James M. Cain's novella on which "Double Indemnity" was based told of an insurance salesman who's seduced by a woman into murdering her husband for the policy being peddled. Fred MacMurray and Barbara Stanwyck were the deadly duo, and Edward G. Robinson was the claims adjuster closing in on them.

Wilder found the enterprise too tantalizing to resist; Brackett thought it just tawdry and gave it a pass. Hands all over Hollywood shot up to take his place. "Billy's great moment," according to Marshall, "was when his Paramount bosses said, 'Every screenwriter wants to write with you,' and he said, 'I don't need a screenwriter. I'm a screenwriter. Get me another kind of writer. Get me a mystery writer.'"

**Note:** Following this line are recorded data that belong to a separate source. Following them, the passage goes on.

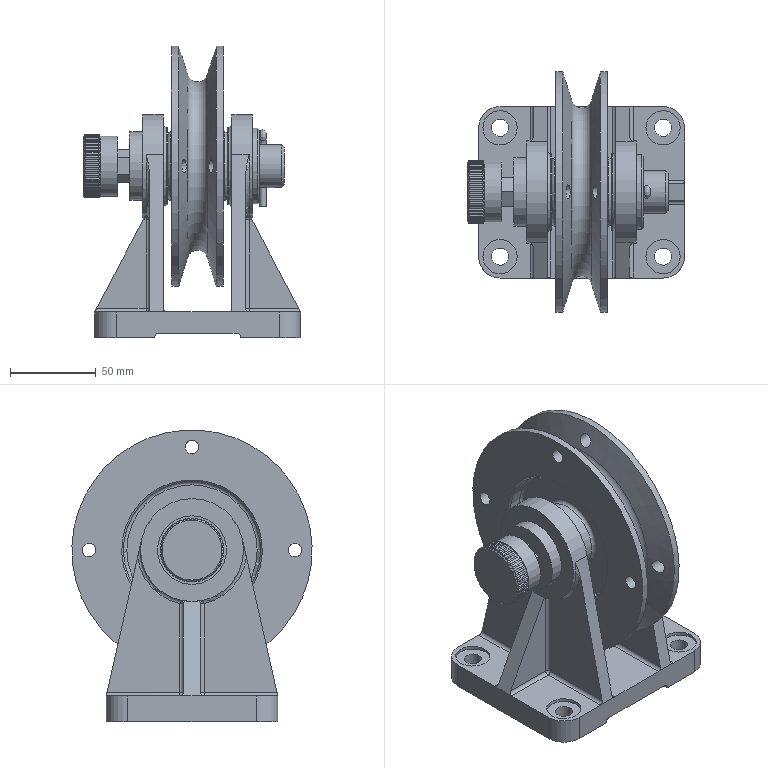Assembly | NX | mm | 7 component files | 7 solids | 298 faces | box 126.5 x 140 x 170 mm | volume 639938 mm3 | cylinder 175 | plane 80 | cone 19 | torus 15 | sphere 8 | spline 1 | commonest cylinder face diameters 37 x50 1 x50 4 x23 25 x9 8 x8 10 x5 20 x4 40 x3
Bill of materials:
GB-T91-2000,3.7x32 | 1 |  | Split Pin, GB-T 91-2000,3.7x32
unnamed part 1 | 1 |  | Stepped, hollow body of revolution. It has a large round flange that tapers through a conical shoulder into a hexagonal prism section, followed by a smaller cylindrical spigot with a chamfered end. A central bore runs through the full length.
unnamed part 2 | 1 |  | Cylindrical cap or cup shape. One end is closed by a flat face and has a band of axial ribs or flutes around the outside. The other section is a plain cylindrical sleeve with an open end and a thin wall.
unnamed part 3 | 1 |  | Headed cylindrical pin. A flat round head sits at one end of a long plain shank that has a chamfered tip. The shank has two small radial holes along its length.
unnamed part 4 | 1 |  | Clevis-style bracket. A rectangular base plate with rounded corners carries two parallel upright lugs. Each lug tapers upward to a rounded top with a circular eye hole and a raised ring boss. The lugs are spaced apart with a gap between them.
unnamed part 5 | 1 |  | Grooved wheel or sheave. The rim has a deep, round-bottomed groove. The central hub has a through bore, and hub bosses stick out slightly from both side faces. Each face has a recessed annular area, and four small holes are evenly spaced near the outer edge.
unnamed part 6 | 1 |  | Flat annular ring, washer-like in shape. It is a thin disc with a large central hole and a small chamfer on one outer edge.
Mates:
1. fix | 1_bracket 1 component
2. touch align | 5_pulley 1 face | 1_bracket 1 face
3. center | 5_pulley 1 face | 5_pulley 1 face | 1_bracket 1 face | 1_bracket 1 face
4. touch align | 2_mandrel 1 face | 1_bracket 1 face
5. touch align | 2_mandrel 1 face | 1_bracket 1 face
6. touch align | 4_flat_washer 1 face | 2_mandrel 1 face
7. touch align | 4_flat_washer 1 face | 1_bracket 1 face
8. touch align | 3_cotter_pin 1 face | 2_mandrel 1 face
9. touch align | 6_oil_cup_body 1 face | 2_mandrel 1 face
10. touch align | 6_oil_cup_body 1 face | 2_mandrel 1 face
11. touch align | 7_oil_cup_body 1 face | 6_oil_cup_body 1 face
12. touch align | 7_oil_cup_body 1 face | 6_oil_cup_body 1 face

So they went to the source, but Cain was — incongruously! — committed to scripting a western at 20th Century Fox. That made Raymond Chandler, famed for his hardboiled, tough-talking pulp fiction (only seven novels in all), the obvious choice.

It was a marriage made in hell, but it produced a screen classic that, in turn, ignited a cycle of darkly brooding type of detective stories. "It really did change the film industry," insists Marshall. "It invented a new film form, and two unlikely people did it. They didn't get along at all. Billy was animated and spoke his mind, liked women, liked drinking, liked cigarettes. Raymond was kind of a recluse who started the film as an ex-alcoholic and, subsequently, fell off the wagon. That's part of our drama."

Wilder considered this proper payback for the constant agro that his inexperienced scripting partner caused. "The small revenge I had — because at the very end, he hated me — was that he started drinking," he said, "and became an alcoholic again."

The silver lining to all the turbulence, Marshall believes, is not only Exhibit A — the film itself — but the grudging respect that evolved between the two. "No matter how you don't get along — if someone is talented, you do respect that, and Billy finally did.

"Also, Billy was Viennese and not the best speaker of English — he learned all his English by listening to baseball games — but he knew that Raymond could definitely talk the talk. There's a line in the play where Billy says, 'I need you because I don't speak the vernacular very well, and I'm not even sure what vernacular means.'" Wilder always gave Chandler full credit for the film's rat-a-tat-tat exchanges, but it was arrived at with difficulty. He wanted Chandler to use Cain's original dialogue, and actors acted out scenes directly from the book. Cain came in to referee and sided with Chandler, who knew Cain's dialogue was written for the eye, not the ear.

"It's the only picture I ever saw made from my books that had things in it I wish I had thought of," Cain himself once confessed. "Wilder's ending was much better than my ending, and his device for letting the guy tell the story by taking out the office dictating machine — I'd have done it, if I had thought of it."

Wilder not only manhandled the book, framing the story in flashback, but he played fast and loose with the film, too. The already-shot final scene where MacMurray goes to the gas chamber for his sins was cut, and he's allowed a last cigarette, with Robinson hovering over. MacMurray: "You know why you couldn't figure this one, Keyes? The guy you were looking for was too close, right across the desk from you." Robinson: "Closer than that, Walter." MacMurray: "I love you, too." Fade to black.

The last play Marshall directed in New York was 1993's Wrong Turn at Lungfish, which, with George C. Scott and Tony Danza in the leads, ran for six months at the Promenade. It has played twice at Marshall's theatre in L.A., the Falcon, which is run by his daughter, Kathleen. "No, not that Kathleen Marshall," he hastens to add. "Once I found out nepotism was legal, I made it an art form. All of my kids work for me.

"Kathleen found Billy & Ray, brought it to me and introduced me to Mike. We went through a reading, then a tryout at the Falcon. Since then, Mike and I have become close friends, and now we have bonded over our recent surgeries. The director and the writer of Billy & Ray will be walking tall into the Vineyard with new knees."